Thank you for your reasonable and factual response. Obamacare sucks. But not all that ails healthcare is because of Obamacare. And blaming everything on Obamacare only makes us look silly.
Thanks - Hospital is being a dick!
Geez, what’s with the facts? Nobody wants to hear that. It’s ALL Obama’s fault. Or maybe Hillary.
Inviting the Daily Kos in to your home pegs the meter.....
https://www.healthcare.gov/glossary/out-of-pocket-maximum-limit/
Just a reminder if you get sick away from your network.
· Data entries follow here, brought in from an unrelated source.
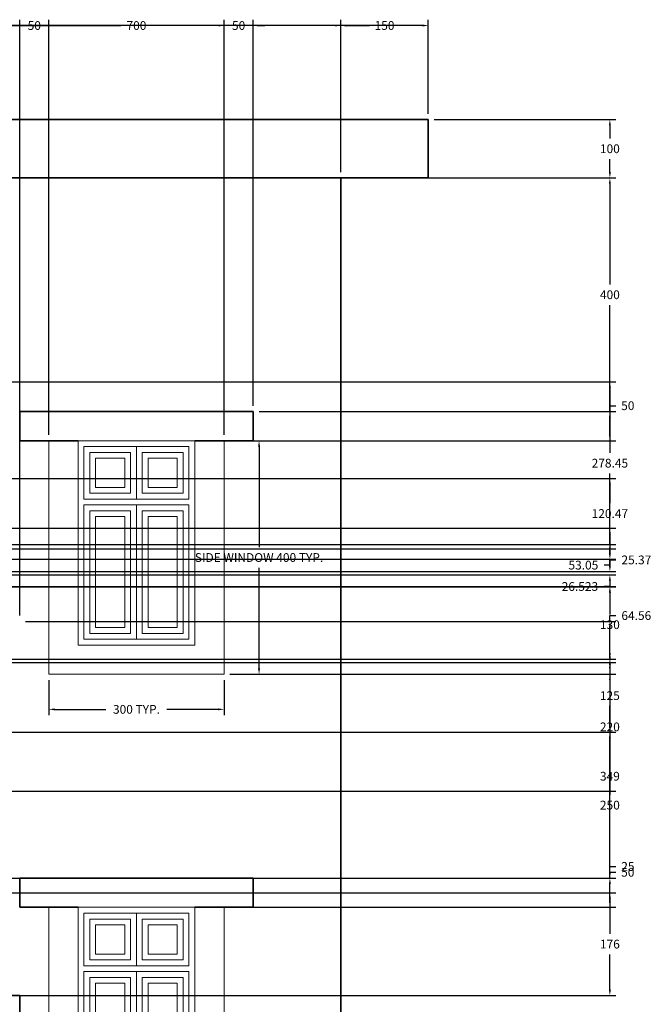
# Model space of a CAD drawing. Units: millimetres. Extents: x 937 to 4561, y 2711 to 5748.
# Tile 8 of 8: x 3479 to 4561, y 4062 to 5748. Entities that reach past the tile are written whole.
import ezdxf

# ---------------------------------------------------------------- set-up
doc = ezdxf.new("R2010")
doc.units = ezdxf.units.MM
doc.header["$MEASUREMENT"] = 0
for name, color, linetype, lineweight in [('A-ANNO-DIMS', 2, 'Continuous', 18), ('A-ELEV', 7, 'Continuous', 35), ('A-GLAZ', 4, 'Continuous', 18)]:
    doc.layers.add(name, color=color, linetype=linetype, lineweight=lineweight)
doc.styles.get("Standard").update_dxf_attribs({"font": 'arial.ttf'})
doc.dimstyles.get("Standard").update_dxf_attribs({"dimtxt": 15, "dimasz": 10, "dimexe": 10, "dimexo": 10, "dimgap": 10, "dimtad": 0, "dimtih": 1, "dimtoh": 1, "dimdec": 0, "dimzin": 0, "dimdsep": 46, "dimtxsty": 'Standard', "dimcen": 5, "dimadec": 0, "dimazin": 0, "dimtfac": 1, "dimtdec": 0, "dimtofl": 0, "dimtmove": 0, "dimatfit": 3, "dimfxl": 1, "dimtolj": 1, "dimtzin": 0, "dimarcsym": 0})

# ---------------------------------------------------------------- blocks, each defined once
blk = doc.blocks.new('WIN-SIDE')
for p, q in [((3529.5, 5026.9), (3529.5, 4626.9)), ((3579.5, 5026.9), (3779.5, 5026.9)), ((3579.5, 4676.9), (3579.5, 5026.9)), ((3779.5, 5026.9), (3779.5, 4676.9)), ((3829.5, 4626.9), (3829.5, 5026.9)), ((3779.5, 4676.9), (3579.5, 4676.9)), ((3529.5, 4626.9), (3829.5, 4626.9))]:
    blk.add_line(p, q)
for points in [[(3589.5, 5016.9), (3679.5, 5016.9), (3679.5, 4926.9), (3589.5, 4926.9)], [(3679.5, 5016.9), (3769.5, 5016.9), (3769.5, 4926.9), (3679.5, 4926.9)], [(3599.5, 5006.9), (3669.5, 5006.9), (3669.5, 4936.9), (3599.5, 4936.9)], [(3609.5, 4996.9), (3659.5, 4996.9), (3659.5, 4946.9), (3609.5, 4946.9)], [(3689.5, 5006.9), (3759.5, 5006.9), (3759.5, 4936.9), (3689.5, 4936.9)], [(3699.5, 4996.9), (3749.5, 4996.9), (3749.5, 4946.9), (3699.5, 4946.9)], [(3589.5, 4916.9), (3679.5, 4916.9), (3679.5, 4686.9), (3589.5, 4686.9)], [(3599.5, 4906.9), (3669.5, 4906.9), (3669.5, 4696.9), (3599.5, 4696.9)], [(3679.5, 4916.9), (3769.5, 4916.9), (3769.5, 4686.9), (3679.5, 4686.9)], [(3689.5, 4906.9), (3759.5, 4906.9), (3759.5, 4696.9), (3689.5, 4696.9)], [(3609.5, 4896.9), (3659.5, 4896.9), (3659.5, 4706.9), (3609.5, 4706.9)], [(3699.5, 4896.9), (3749.5, 4896.9), (3749.5, 4706.9), (3699.5, 4706.9)]]:
    blk.add_lwpolyline(points, close=True)
blk = doc.blocks.new('*D2')
at = {"layer": 'A-ANNO-DIMS', "color": 0, "lineweight": -2, "transparency": 16777216}
for p, q in [((3839.5, 5026.9), (3899.5, 5026.9)), ((3889.5, 5016.9), (3889.5, 4844.7)), ((3889.5, 4636.9), (3889.5, 4809.1)), ((3839.5, 4626.9), (3899.5, 4626.9))]:
    blk.add_line(p, q, dxfattribs=at)
at = {"layer": 'A-ANNO-DIMS', "color": 0, "transparency": 16777216}
for points in [[(3887.8, 5016.9), (3891.2, 5016.9), (3889.5, 5026.9)], [(3887.8, 4636.9), (3891.2, 4636.9), (3889.5, 4626.9)]]:
    blk.add_solid(points, dxfattribs=at)
at = {"layer": 'Defpoints', "color": 0, "transparency": 16777216}
for p in [(3829.5, 5026.9), (3889.5, 5026.9), (3829.5, 4626.9)]:
    blk.add_point(p, dxfattribs=at)
at = {"layer": 'A-ANNO-DIMS', "color": 0, "transparency": 16777216, "insert": (3889.5, 4826.9), "char_height": 15, "attachment_point": 5}
blk.add_mtext('\\A1;SIDE WINDOW 400 TYP.', dxfattribs=at)
blk = doc.blocks.new('*D3')
at = {"layer": 'A-ANNO-DIMS', "color": 0, "lineweight": -2, "transparency": 16777216}
for p, q in [((3529.5, 4616.9), (3529.5, 4556.9)), ((3829.5, 4616.9), (3829.5, 4556.9)), ((3539.5, 4566.9), (3627.2, 4566.9)), ((3819.5, 4566.9), (3731.8, 4566.9))]:
    blk.add_line(p, q, dxfattribs=at)
at = {"layer": 'A-ANNO-DIMS', "color": 0, "transparency": 16777216}
for points in [[(3539.5, 4568.6), (3539.5, 4565.2), (3529.5, 4566.9)], [(3819.5, 4568.6), (3819.5, 4565.2), (3829.5, 4566.9)]]:
    blk.add_solid(points, dxfattribs=at)
at = {"layer": 'Defpoints', "color": 0, "transparency": 16777216}
for p in [(3529.5, 4626.9), (3829.5, 4626.9), (3829.5, 4566.9)]:
    blk.add_point(p, dxfattribs=at)
at = {"layer": 'A-ANNO-DIMS', "color": 0, "transparency": 16777216, "insert": (3679.5, 4566.9), "char_height": 15, "attachment_point": 5}
blk.add_mtext('\\A1;300 TYP.', dxfattribs=at)
blk = doc.blocks.new('*D15')
at = {"layer": 'A-ANNO-DIMS', "color": 0, "lineweight": -2, "transparency": 16777216}
for p, q in [((1329.5, 4086.9), (1329.5, 5747.9)), ((1339.5, 5737.9), (2722, 5737.9)), ((4169.5, 5737.9), (2787, 5737.9)), ((4179.5, 5586.9), (4179.5, 5747.9))]:
    blk.add_line(p, q, dxfattribs=at)
at = {"layer": 'A-ANNO-DIMS', "color": 0, "transparency": 16777216}
for points in [[(1339.5, 5739.6), (1339.5, 5736.2), (1329.5, 5737.9)], [(4169.5, 5739.6), (4169.5, 5736.2), (4179.5, 5737.9)]]:
    blk.add_solid(points, dxfattribs=at)
at = {"layer": 'Defpoints', "color": 0, "transparency": 16777216}
for p in [(4179.5, 5737.9), (4179.5, 5576.9), (1329.5, 4076.9)]:
    blk.add_point(p, dxfattribs=at)
at = {"layer": 'A-ANNO-DIMS', "color": 0, "transparency": 16777216, "insert": (2754.5, 5737.9), "char_height": 15, "attachment_point": 5}
blk.add_mtext('\\A1;2850', dxfattribs=at)
blk = doc.blocks.new('*D18')
at = {"layer": 'A-ANNO-DIMS', "color": 0, "lineweight": -2, "transparency": 16777216}
for p, q in [((3329.5, 5486.9), (3329.5, 5747.9)), ((3339.5, 5737.9), (3653, 5737.9)), ((4019.5, 5737.9), (3706, 5737.9)), ((4029.5, 5486.9), (4029.5, 5747.9))]:
    blk.add_line(p, q, dxfattribs=at)
at = {"layer": 'A-ANNO-DIMS', "color": 0, "transparency": 16777216}
for points in [[(3339.5, 5739.6), (3339.5, 5736.2), (3329.5, 5737.9)], [(4019.5, 5739.6), (4019.5, 5736.2), (4029.5, 5737.9)]]:
    blk.add_solid(points, dxfattribs=at)
at = {"layer": 'Defpoints', "color": 0, "transparency": 16777216}
for p in [(4029.5, 5737.9), (3329.5, 5476.9), (4029.5, 5476.9)]:
    blk.add_point(p, dxfattribs=at)
at = {"layer": 'A-ANNO-DIMS', "color": 0, "transparency": 16777216, "insert": (3679.5, 5737.9), "char_height": 15, "attachment_point": 5}
blk.add_mtext('\\A1;700', dxfattribs=at)
blk = doc.blocks.new('*D19')
at = {"layer": 'A-ANNO-DIMS', "color": 0, "lineweight": -2, "transparency": 16777216}
for p, q in [((4029.5, 5486.9), (4029.5, 5747.9)), ((4039.5, 5737.9), (4078.6, 5737.9)), ((4169.5, 5737.9), (4130.3, 5737.9)), ((4179.5, 5586.9), (4179.5, 5747.9))]:
    blk.add_line(p, q, dxfattribs=at)
at = {"layer": 'A-ANNO-DIMS', "color": 0, "transparency": 16777216}
for points in [[(4039.5, 5739.6), (4039.5, 5736.2), (4029.5, 5737.9)], [(4169.5, 5739.6), (4169.5, 5736.2), (4179.5, 5737.9)]]:
    blk.add_solid(points, dxfattribs=at)
at = {"layer": 'Defpoints', "color": 0, "transparency": 16777216}
for p in [(4179.5, 5737.9), (4179.5, 5576.9), (4029.5, 5476.9)]:
    blk.add_point(p, dxfattribs=at)
at = {"layer": 'A-ANNO-DIMS', "color": 0, "transparency": 16777216, "insert": (4104.5, 5737.9), "char_height": 15, "attachment_point": 5}
blk.add_mtext('\\A1;150', dxfattribs=at)
blk = doc.blocks.new('*D23')
at = {"layer": 'A-ANNO-DIMS', "color": 0, "lineweight": -2, "transparency": 16777216}
for p, q in [((3029.5, 4886.9), (3029.5, 5747.9)), ((3039.5, 5737.9), (3227.6, 5737.9)), ((3469.5, 5737.9), (3281.3, 5737.9)), ((3479.5, 4727.5), (3479.5, 5747.9))]:
    blk.add_line(p, q, dxfattribs=at)
at = {"layer": 'A-ANNO-DIMS', "color": 0, "transparency": 16777216}
for points in [[(3039.5, 5739.6), (3039.5, 5736.2), (3029.5, 5737.9)], [(3469.5, 5739.6), (3469.5, 5736.2), (3479.5, 5737.9)]]:
    blk.add_solid(points, dxfattribs=at)
at = {"layer": 'Defpoints', "color": 0, "transparency": 16777216}
for p in [(3479.5, 5737.9), (3029.5, 4876.9), (3479.5, 4717.5)]:
    blk.add_point(p, dxfattribs=at)
at = {"layer": 'A-ANNO-DIMS', "color": 0, "transparency": 16777216, "insert": (3254.5, 5737.9), "char_height": 15, "attachment_point": 5}
blk.add_mtext('\\A1;450', dxfattribs=at)
blk = doc.blocks.new('*D25')
at = {"layer": 'A-ANNO-DIMS', "color": 0, "lineweight": -2, "transparency": 16777216}
for p, q in [((3469.5, 5737.9), (3459.5, 5737.9)), ((3479.5, 5086.9), (3479.5, 5747.9)), ((3529.5, 5036.9), (3529.5, 5747.9)), ((3539.5, 5737.9), (3549.5, 5737.9))]:
    blk.add_line(p, q, dxfattribs=at)
at = {"layer": 'A-ANNO-DIMS', "color": 0, "transparency": 16777216}
for points in [[(3469.5, 5739.6), (3469.5, 5736.2), (3479.5, 5737.9)], [(3539.5, 5739.6), (3539.5, 5736.2), (3529.5, 5737.9)]]:
    blk.add_solid(points, dxfattribs=at)
at = {"layer": 'Defpoints', "color": 0, "transparency": 16777216}
for p in [(3529.5, 5737.9), (3479.5, 5076.9), (3529.5, 5026.9)]:
    blk.add_point(p, dxfattribs=at)
at = {"layer": 'A-ANNO-DIMS', "color": 0, "transparency": 16777216, "insert": (3504.5, 5737.9), "char_height": 15, "attachment_point": 5}
blk.add_mtext('\\A1;50', dxfattribs=at)
blk = doc.blocks.new('*D26')
at = {"layer": 'A-ANNO-DIMS', "color": 0, "lineweight": -2, "transparency": 16777216}
for p, q in [((3819.5, 5737.9), (3809.5, 5737.9)), ((3829.5, 5036.9), (3829.5, 5747.9)), ((3879.5, 5086.9), (3879.5, 5747.9)), ((3889.5, 5737.9), (3899.5, 5737.9))]:
    blk.add_line(p, q, dxfattribs=at)
at = {"layer": 'A-ANNO-DIMS', "color": 0, "transparency": 16777216}
for points in [[(3819.5, 5739.6), (3819.5, 5736.2), (3829.5, 5737.9)], [(3889.5, 5739.6), (3889.5, 5736.2), (3879.5, 5737.9)]]:
    blk.add_solid(points, dxfattribs=at)
at = {"layer": 'Defpoints', "color": 0, "transparency": 16777216}
for p in [(3879.5, 5737.9), (3879.5, 5076.9), (3829.5, 5026.9)]:
    blk.add_point(p, dxfattribs=at)
at = {"layer": 'A-ANNO-DIMS', "color": 0, "transparency": 16777216, "insert": (3854.5, 5737.9), "char_height": 15, "attachment_point": 5}
blk.add_mtext('\\A1;50', dxfattribs=at)
blk = doc.blocks.new('*D68')
at = {"layer": 'A-ANNO-DIMS', "color": 0, "lineweight": -2, "transparency": 16777216}
for p, q in [((4490.5, 4812.8), (4490.5, 4822.8)), ((4490.5, 4822.8), (4500.5, 4822.8)), ((1364.5, 4802.8), (4500.5, 4802.8)), ((1364.5, 4777.4), (4500.5, 4777.4)), ((4490.5, 4767.4), (4490.5, 4757.4))]:
    blk.add_line(p, q, dxfattribs=at)
at = {"layer": 'A-ANNO-DIMS', "color": 0, "transparency": 16777216}
for points in [[(4488.8, 4812.8), (4492.2, 4812.8), (4490.5, 4802.8)], [(4488.8, 4767.4), (4492.2, 4767.4), (4490.5, 4777.4)]]:
    blk.add_solid(points, dxfattribs=at)
at = {"layer": 'Defpoints', "color": 0, "transparency": 16777216}
for p in [(1354.5, 4802.8), (4490.5, 4802.8), (1354.5, 4777.4)]:
    blk.add_point(p, dxfattribs=at)
at = {"layer": 'A-ANNO-DIMS', "color": 0, "transparency": 16777216, "insert": (4535.9, 4822.8), "char_height": 15, "attachment_point": 5}
blk.add_mtext('\\A1;25.37', dxfattribs=at)
blk = doc.blocks.new('*D69')
at = {"layer": 'A-ANNO-DIMS', "color": 0, "lineweight": -2, "transparency": 16777216}
for p, q in [((2957.4, 5127.7), (4500.5, 5127.7)), ((4490.5, 5117.7), (4490.5, 5006.1)), ((4490.5, 4859.2), (4490.5, 4970.8)), ((1339.5, 4849.2), (4500.5, 4849.2))]:
    blk.add_line(p, q, dxfattribs=at)
at = {"layer": 'A-ANNO-DIMS', "color": 0, "transparency": 16777216}
for points in [[(4488.8, 5117.7), (4492.2, 5117.7), (4490.5, 5127.7)], [(4488.8, 4859.2), (4492.2, 4859.2), (4490.5, 4849.2)]]:
    blk.add_solid(points, dxfattribs=at)
at = {"layer": 'Defpoints', "color": 0, "transparency": 16777216}
for p in [(2947.4, 5127.7), (4490.5, 5127.7), (1329.5, 4849.2)]:
    blk.add_point(p, dxfattribs=at)
at = {"layer": 'A-ANNO-DIMS', "color": 0, "transparency": 16777216, "insert": (4490.5, 4988.5), "char_height": 15, "attachment_point": 5}
blk.add_mtext('\\A1;278.45', dxfattribs=at)
blk = doc.blocks.new('*D75')
at = {"layer": 'A-ANNO-DIMS', "color": 0, "lineweight": -2, "transparency": 16777216}
for p, q in [((1829.5, 4646.9), (4500.5, 4646.9)), ((4490.5, 4636.9), (4490.5, 4554.6)), ((4490.5, 4436.9), (4490.5, 4519.2)), ((1829.5, 4426.9), (4500.5, 4426.9))]:
    blk.add_line(p, q, dxfattribs=at)
at = {"layer": 'A-ANNO-DIMS', "color": 0, "transparency": 16777216}
for points in [[(4488.8, 4636.9), (4492.2, 4636.9), (4490.5, 4646.9)], [(4488.8, 4436.9), (4492.2, 4436.9), (4490.5, 4426.9)]]:
    blk.add_solid(points, dxfattribs=at)
at = {"layer": 'Defpoints', "color": 0, "transparency": 16777216}
for p in [(1819.5, 4646.9), (4490.5, 4646.9), (1819.5, 4426.9)]:
    blk.add_point(p, dxfattribs=at)
at = {"layer": 'A-ANNO-DIMS', "color": 0, "transparency": 16777216, "insert": (4490.5, 4536.9), "char_height": 15, "attachment_point": 5}
blk.add_mtext('\\A1;220', dxfattribs=at)
blk = doc.blocks.new('*D76')
at = {"layer": 'A-ANNO-DIMS', "color": 0, "lineweight": -2, "transparency": 16777216}
for p, q in [((1829.5, 4776.9), (4500.5, 4776.9)), ((4490.5, 4766.9), (4490.5, 4729.6)), ((4490.5, 4656.9), (4490.5, 4694.2)), ((1829.5, 4646.9), (4500.5, 4646.9))]:
    blk.add_line(p, q, dxfattribs=at)
at = {"layer": 'A-ANNO-DIMS', "color": 0, "transparency": 16777216}
for points in [[(4488.8, 4766.9), (4492.2, 4766.9), (4490.5, 4776.9)], [(4488.8, 4656.9), (4492.2, 4656.9), (4490.5, 4646.9)]]:
    blk.add_solid(points, dxfattribs=at)
at = {"layer": 'Defpoints', "color": 0, "transparency": 16777216}
for p in [(1819.5, 4776.9), (4490.5, 4776.9), (1819.5, 4646.9)]:
    blk.add_point(p, dxfattribs=at)
at = {"layer": 'A-ANNO-DIMS', "color": 0, "transparency": 16777216, "insert": (4490.5, 4711.9), "char_height": 15, "attachment_point": 5}
blk.add_mtext('\\A1;130', dxfattribs=at)
blk = doc.blocks.new('*D78')
at = {"layer": 'A-ANNO-DIMS', "color": 0, "lineweight": -2, "transparency": 16777216}
for p, q in [((2439.5, 4962.4), (4500.5, 4962.4)), ((4490.5, 4952.4), (4490.5, 4919.9)), ((4490.5, 4852), (4490.5, 4884.5)), ((1739.5, 4842), (4500.5, 4842))]:
    blk.add_line(p, q, dxfattribs=at)
at = {"layer": 'A-ANNO-DIMS', "color": 0, "transparency": 16777216}
for points in [[(4488.8, 4952.4), (4492.2, 4952.4), (4490.5, 4962.4)], [(4488.8, 4852), (4492.2, 4852), (4490.5, 4842)]]:
    blk.add_solid(points, dxfattribs=at)
at = {"layer": 'Defpoints', "color": 0, "transparency": 16777216}
for p in [(2429.5, 4962.4), (4490.5, 4962.4), (1729.5, 4842)]:
    blk.add_point(p, dxfattribs=at)
at = {"layer": 'A-ANNO-DIMS', "color": 0, "transparency": 16777216, "insert": (4490.5, 4902.2), "char_height": 15, "attachment_point": 5}
blk.add_mtext('\\A1;120.47', dxfattribs=at)
blk = doc.blocks.new('*D80')
at = {"layer": 'A-ANNO-DIMS', "color": 0, "lineweight": -2, "transparency": 16777216}
for p, q in [((3039.5, 4876.9), (4500.5, 4876.9)), ((4490.5, 4866.9), (4490.5, 4833.9)), ((3039.5, 4823.9), (4500.5, 4823.9)), ((4490.5, 4823.9), (4490.5, 4813.9)), ((4490.5, 4813.9), (4480.5, 4813.9))]:
    blk.add_line(p, q, dxfattribs=at)
at = {"layer": 'A-ANNO-DIMS', "color": 0, "transparency": 16777216}
for points in [[(4488.8, 4866.9), (4492.2, 4866.9), (4490.5, 4876.9)], [(4488.8, 4833.9), (4492.2, 4833.9), (4490.5, 4823.9)]]:
    blk.add_solid(points, dxfattribs=at)
at = {"layer": 'Defpoints', "color": 0, "transparency": 16777216}
for p in [(3029.5, 4876.9), (3029.5, 4823.9), (4490.5, 4823.9)]:
    blk.add_point(p, dxfattribs=at)
at = {"layer": 'A-ANNO-DIMS', "color": 0, "transparency": 16777216, "insert": (4445.1, 4813.9), "char_height": 15, "attachment_point": 5}
blk.add_mtext('\\A1;53.05', dxfattribs=at)
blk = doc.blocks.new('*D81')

The out of pocket max does not apply...
Cardiac arrest means she was dead. The ambulance had to go to the nearest hospital by law. The ER saved her life. She is upset about her life being saved?
The HMO Act written by Teddy K needs repealing. HMO's have all but destroyed affordable care and true private insurance coverage. It became a huge money maker for parent insurers who own most of them. Jack up actual insurance policy cost {which requires covering it's risk} and offer instead a rationing system.
The person was unable to communicate and had she been able to do so under those conditions it would not have mattered. She was going where Trauma Protocol dictated. This system is done to save lives and so the responders and hospitals have an orderly system to go by. There is no corporation I loathe more, none is more corrupt and influences government more than Insurers. Many are corrupt to their very core. I'd go as far as to say over 75% plus of the laws and codes on the books were written solely to lessen the insurers monetary losses.
Opps my mistake. His Highness King Teddy’s HMO Bill exempted Hey Moe from litigation.
In Texas, you have a different deductible for out of network services, but once it is met, the insurance carrier must pay (albeit usually with a different coinsurance rate).
However, if the patient has no viable choice for selecting an out of network provider (and an emergency situation is an example commonly cited), then the insurance carrier must pay the claim as though it were in network -- same deductible, co-payment and coinsurance.
Bottom line: Either the lady is incredibly stupid and ill-advised, or there is a lot more to the story than what is being reported here.
It's so 1994 to be looking up providers in phone books. Seriously.
She was in no condition to sign a contract before her treatment. Therefore, her max should be her plan's maximum out of pocket.
She should transfer any assets she has to her boyfriend and stonewall the hospital!
“Almost every time what the insurance pays is different than what you would without insurance. IE, you get SCREWED”
Indeed. If you pay cash, the thieving, liberal vultures who run these hospitals will charge you 200 to 400% more than what they charge insured patients.